The contigs in XXX_targetedRegionAndFlanking.fasta are simply named as "Contig1", "Contig2"... "ContigN". If you want to link these names back to those in the original target ("sp3_ref.fa"), you can go to this file "sp3_ref.fa_rename_compared.txt" which can be found in the same diretory where "sp3_ref.fa" is located. How the original targeted loci are named does not seem to be very important.

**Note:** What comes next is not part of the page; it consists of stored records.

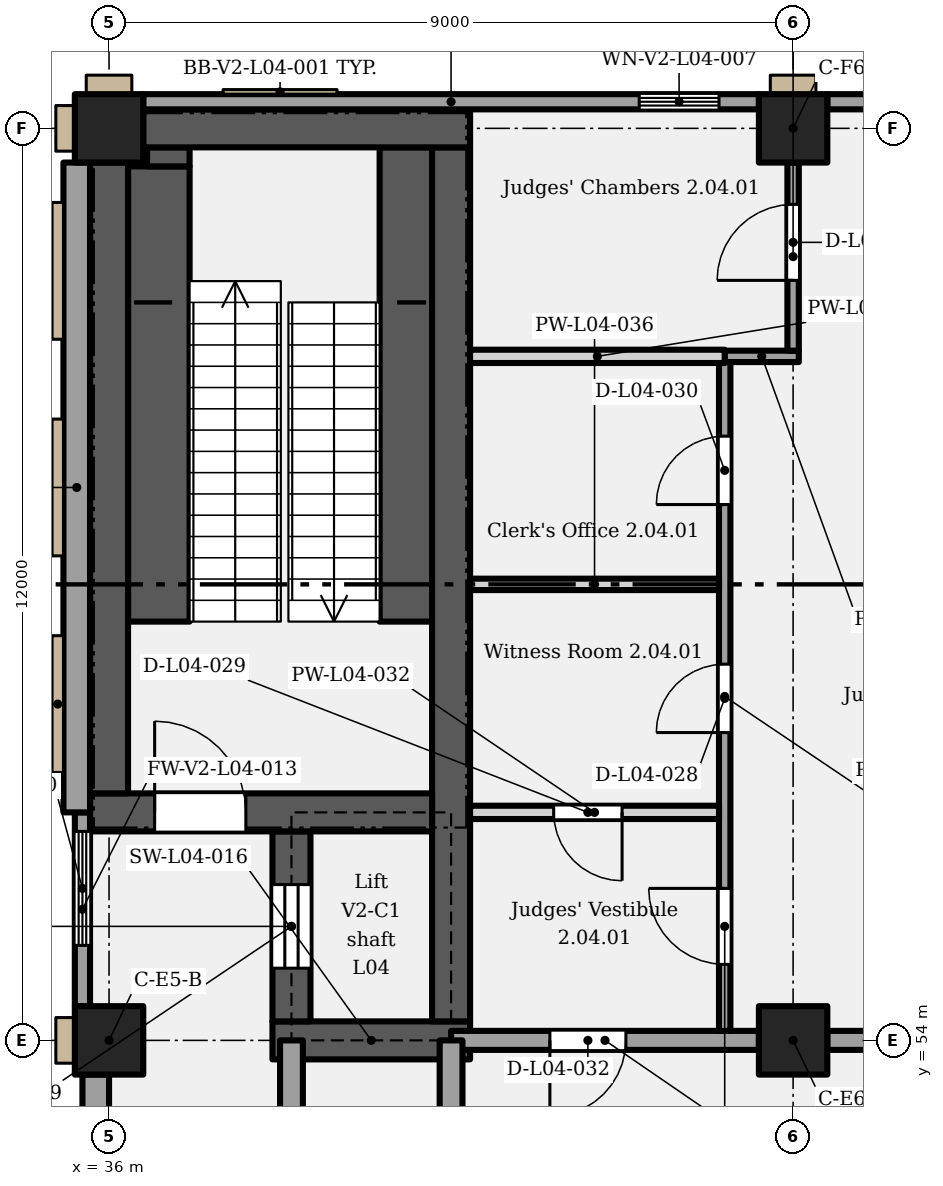
"""IFC4 building model, lengths in metres.
Left out: names, types, materials, properties, quantities, classifications, styles, units other than length and angle.
Written with IfcOpenShell. Run it as: python <this file> out.ifc"""

import sys

from ifc_helpers import new_model, si_unit, direction, frame, frame_2d, origin, origin_2d, place, context, subcontext, project, spatial, rectangle, extrude, element, fill, save


model = new_model("IFC4")
c1 = context("Model", 3, precision=1e-05, world=origin(), true_north=direction((0.0, 1.0)))
c2 = subcontext(c1, "Body", "Model", "MODEL_VIEW")
j1 = project(units=[si_unit("LENGTHUNIT", "METRE"), si_unit("PLANEANGLEUNIT", "RADIAN")], contexts=[c1])
p1 = place(None, origin())
s1 = spatial("IfcSite", under=j1, at=p1, CompositionType="ELEMENT")
p2 = place(p1, origin())
s2 = spatial("IfcBuilding", under=s1, at=p2, CompositionType="ELEMENT")
p3 = place(p2, frame((0.0, 0.0, 22.8)))
s3 = spatial("IfcBuildingStorey", under=s2, at=p3, CompositionType="ELEMENT", Elevation=22.8)
for number, where, z_axis, x_axis in (
    (1, (36.0, 54.0, 0.0), (0.0, 0.0, 1.0), (1.0, 0.0, 0.0)),
    (2, (45.0, 54.0, 0.0), (0.0, 0.0, 1.0), (1.0, 0.0, 0.0)),
    (3, (36.0, 66.0, 0.0), (0.0, 0.0, 1.0), (1.0, 0.0, 0.0)),
    (4, (45.0, 66.0, 0.0), (0.0, 0.0, 1.0), (1.0, 0.0, 0.0)),
):
    element("IfcColumn", number, at=place(p3, frame(where, z_axis=z_axis, x_axis=x_axis)), inside=s3, PredefinedType="COLUMN", context=c2, shape_type="SweptSolid", body=[
        extrude(rectangle(XDim=0.9, YDim=0.9, at=origin_2d()), origin(), (0.0, 0.0, 1.0), 5.4),
    ])
p4 = place(p3, frame((38.15, 54.0, 0.0), z_axis=(0.0, 0.0, 1.0), x_axis=(1.0, 0.0, 0.0)))
e5 = element("IfcWall", 5, at=p4, inside=s3, PredefinedType="SHEAR", context=c2, shape_type="SweptSolid", body=[
    extrude(rectangle(XDim=2.6, YDim=0.5, at=frame_2d((1.3, 0.0))), origin(), (0.0, 0.0, 1.0), 5.15),
])
p5 = place(p3, frame((38.4, 54.25, 0.0), z_axis=(0.0, 0.0, 1.0), x_axis=(0.0, 1.0, 0.0)))
e6 = element("IfcWall", 6, at=p5, inside=s3, PredefinedType="SHEAR", context=c2, shape_type="SweptSolid", body=[
    extrude(rectangle(XDim=2.5, YDim=0.5, at=frame_2d((1.25, 0.0))), origin(), (0.0, 0.0, 1.0), 5.15),
])
p6 = place(p5, frame((0.7, 0.0, 0.0)))
e7 = element("IfcOpeningElement", 7, at=p6, cuts=e6, PredefinedType="OPENING", context=c2, shape_type="SweptSolid", body=[
    extrude(rectangle(XDim=1.1, YDim=2.1, at=frame_2d((0.55, 1.05))), frame((0.0, 0.26, 0.0), z_axis=(0.0, -1.0, 0.0), x_axis=(1.0, 0.0, 0.0)), (0.0, 0.0, 1.0), 0.52),
])
p7 = place(p3, frame((40.5, 54.25, 0.0), z_axis=(0.0, 0.0, 1.0), x_axis=(0.0, 1.0, 0.0)))
e8 = element("IfcWall", 8, at=p7, inside=s3, PredefinedType="SHEAR", context=c2, shape_type="SweptSolid", body=[
    extrude(rectangle(XDim=11.5, YDim=0.5, at=frame_2d((5.75, 0.0))), origin(), (0.0, 0.0, 1.0), 5.15),
])
p8 = place(p3, frame((35.75, 57.0, 0.0), z_axis=(0.0, 0.0, 1.0), x_axis=(1.0, 0.0, 0.0)))
e9 = element("IfcWall", 9, at=p8, inside=s3, PredefinedType="SHEAR", context=c2, shape_type="SweptSolid", body=[
    extrude(rectangle(XDim=4.5, YDim=0.5, at=frame_2d((2.25, 0.0))), origin(), (0.0, 0.0, 1.0), 5.15),
])
p9 = place(p8, frame((0.85, 0.0, 0.0)))
e10 = element("IfcOpeningElement", 10, at=p9, cuts=e9, PredefinedType="OPENING", context=c2, shape_type="SweptSolid", body=[
    extrude(rectangle(XDim=1.2, YDim=2.1, at=frame_2d((0.6, 1.05))), frame((0.0, 0.26, 0.0), z_axis=(0.0, -1.0, 0.0), x_axis=(1.0, 0.0, 0.0)), (0.0, 0.0, 1.0), 0.52),
])
p10 = place(p3, frame((36.0, 57.25, 0.0), z_axis=(0.0, 0.0, 1.0), x_axis=(0.0, 1.0, 0.0)))
e11 = element("IfcWall", 11, at=p10, inside=s3, PredefinedType="SHEAR", context=c2, shape_type="SweptSolid", body=[
    extrude(rectangle(XDim=8.3, YDim=0.5, at=frame_2d((4.15, 0.0))), origin(), (0.0, 0.0, 1.0), 5.15),
])
p11 = place(p3, frame((36.45, 66.0, 0.0), z_axis=(0.0, 0.0, 1.0), x_axis=(1.0, 0.0, 0.0)))
e12 = element("IfcWall", 12, at=p11, inside=s3, PredefinedType="SHEAR", context=c2, shape_type="SweptSolid", body=[
    extrude(rectangle(XDim=4.3, YDim=0.5, at=frame_2d((2.15, 0.0))), origin(), (0.0, 0.0, 1.0), 5.15),
])
p12 = place(p3, frame((36.45, 66.35, 0.0), z_axis=(0.0, 0.0, 1.0), x_axis=(1.0, 0.0, 0.0)))
e13 = element("IfcWall", 13, at=p12, inside=s3, PredefinedType="SOLIDWALL", context=c2, shape_type="SweptSolid", body=[
    extrude(rectangle(XDim=8.1, YDim=0.2, at=frame_2d((4.05, 0.0))), origin(), (0.0, 0.0, 1.0), 5.15),
])
p13 = place(p12, frame((6.525, 0.0, 1.05)))
e14 = element("IfcOpeningElement", 14, at=p13, cuts=e13, PredefinedType="OPENING", context=c2, shape_type="SweptSolid", body=[
    extrude(rectangle(XDim=1.05, YDim=2.4, at=frame_2d((0.525, 1.2))), frame((0.0, 0.11, 0.0), z_axis=(0.0, -1.0, 0.0), x_axis=(1.0, 0.0, 0.0)), (0.0, 0.0, 1.0), 0.22),
])
p14 = place(p3, frame((45.45, 66.35, 0.0), z_axis=(0.0, 0.0, 1.0), x_axis=(1.0, 0.0, 0.0)))
e15 = element("IfcWall", 15, at=p14, inside=s3, PredefinedType="SOLIDWALL", context=c2, shape_type="SweptSolid", body=[
    extrude(rectangle(XDim=8.1, YDim=0.2, at=frame_2d((4.05, 0.0))), origin(), (0.0, 0.0, 1.0), 5.15),
])
p15 = place(p14, frame((1.05, 0.0, 1.05)))
e16 = element("IfcOpeningElement", 16, at=p15, cuts=e15, PredefinedType="OPENING", context=c2, shape_type="SweptSolid", body=[
    extrude(rectangle(XDim=1.5, YDim=3.5, at=frame_2d((0.75, 1.75))), frame((0.0, 0.11, 0.0), z_axis=(0.0, -1.0, 0.0), x_axis=(1.0, 0.0, 0.0)), (0.0, 0.0, 1.0), 0.22),
])
p16 = place(p3, frame((35.825, 43.5, 0.0), z_axis=(0.0, 0.0, 1.0), x_axis=(0.0, 1.0, 0.0)))
e17 = element("IfcWall", 17, at=p16, inside=s3, PredefinedType="SOLIDWALL", context=c2, shape_type="SweptSolid", body=[
    extrude(rectangle(XDim=10.05, YDim=0.35, at=frame_2d((5.025, 0.0))), origin(), (0.0, 0.0, 1.0), 5.15),
])
p17 = place(p16, frame((1.5, 0.0, 1.05)))
e18 = element("IfcOpeningElement", 18, at=p17, cuts=e17, PredefinedType="OPENING", context=c2, shape_type="SweptSolid", body=[
    extrude(rectangle(XDim=1.5, YDim=3.5, at=frame_2d((0.75, 1.75))), frame((0.0, 0.185, 0.0), z_axis=(0.0, -1.0, 0.0), x_axis=(1.0, 0.0, 0.0)), (0.0, 0.0, 1.0), 0.37),
])
p18 = place(p16, frame((4.8, 0.0, 1.05)))
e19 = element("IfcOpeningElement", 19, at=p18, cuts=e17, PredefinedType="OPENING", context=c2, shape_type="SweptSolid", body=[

In diretory "bed/", a few different bed files are provided for each sample

(seqCapture) $ ls bed/
Sample1_allcontig.bed
Sample1_coding_and_flanking.bed
Sample1_coding.bed
Sample1_flanking_ONLY.bed
Sample1_sites_to_remove.txt
Sample1_targetedRegionforExonCapEval.bed

[...files for other samples...]

"Sample1_coding_and_flanking.bed" defines coding and flanking regions (+-500bp around each target in the above usage example) in each assembled in-target contig;
"Sample1_flanking_ONLY.bed" defines flanking regions (+-500bp around each target in the above usage example) in each assembled in-target contig;
"Sample1_coding.bed" defines coding regions (+-500bp around each target in the above usage example) in each assembled in-target contig;
"Sample1_targetedRegionforExonCapEval.bed" also defines coding and flanking regions like "Sample1_coding_and_flanking.bed" does. However, it is not filtered. This file should only be used for evaluating enrichment efficiency (later in evaluation step);

The two files below can be ignored by phylogenetic projects:

"Sample1_sites_to_remove.txt" contains regions that are not unique in each intarget assemblies.
"Sample1_allcontig.bed" defines start (basically 0) and end (basically the total length) of each contig.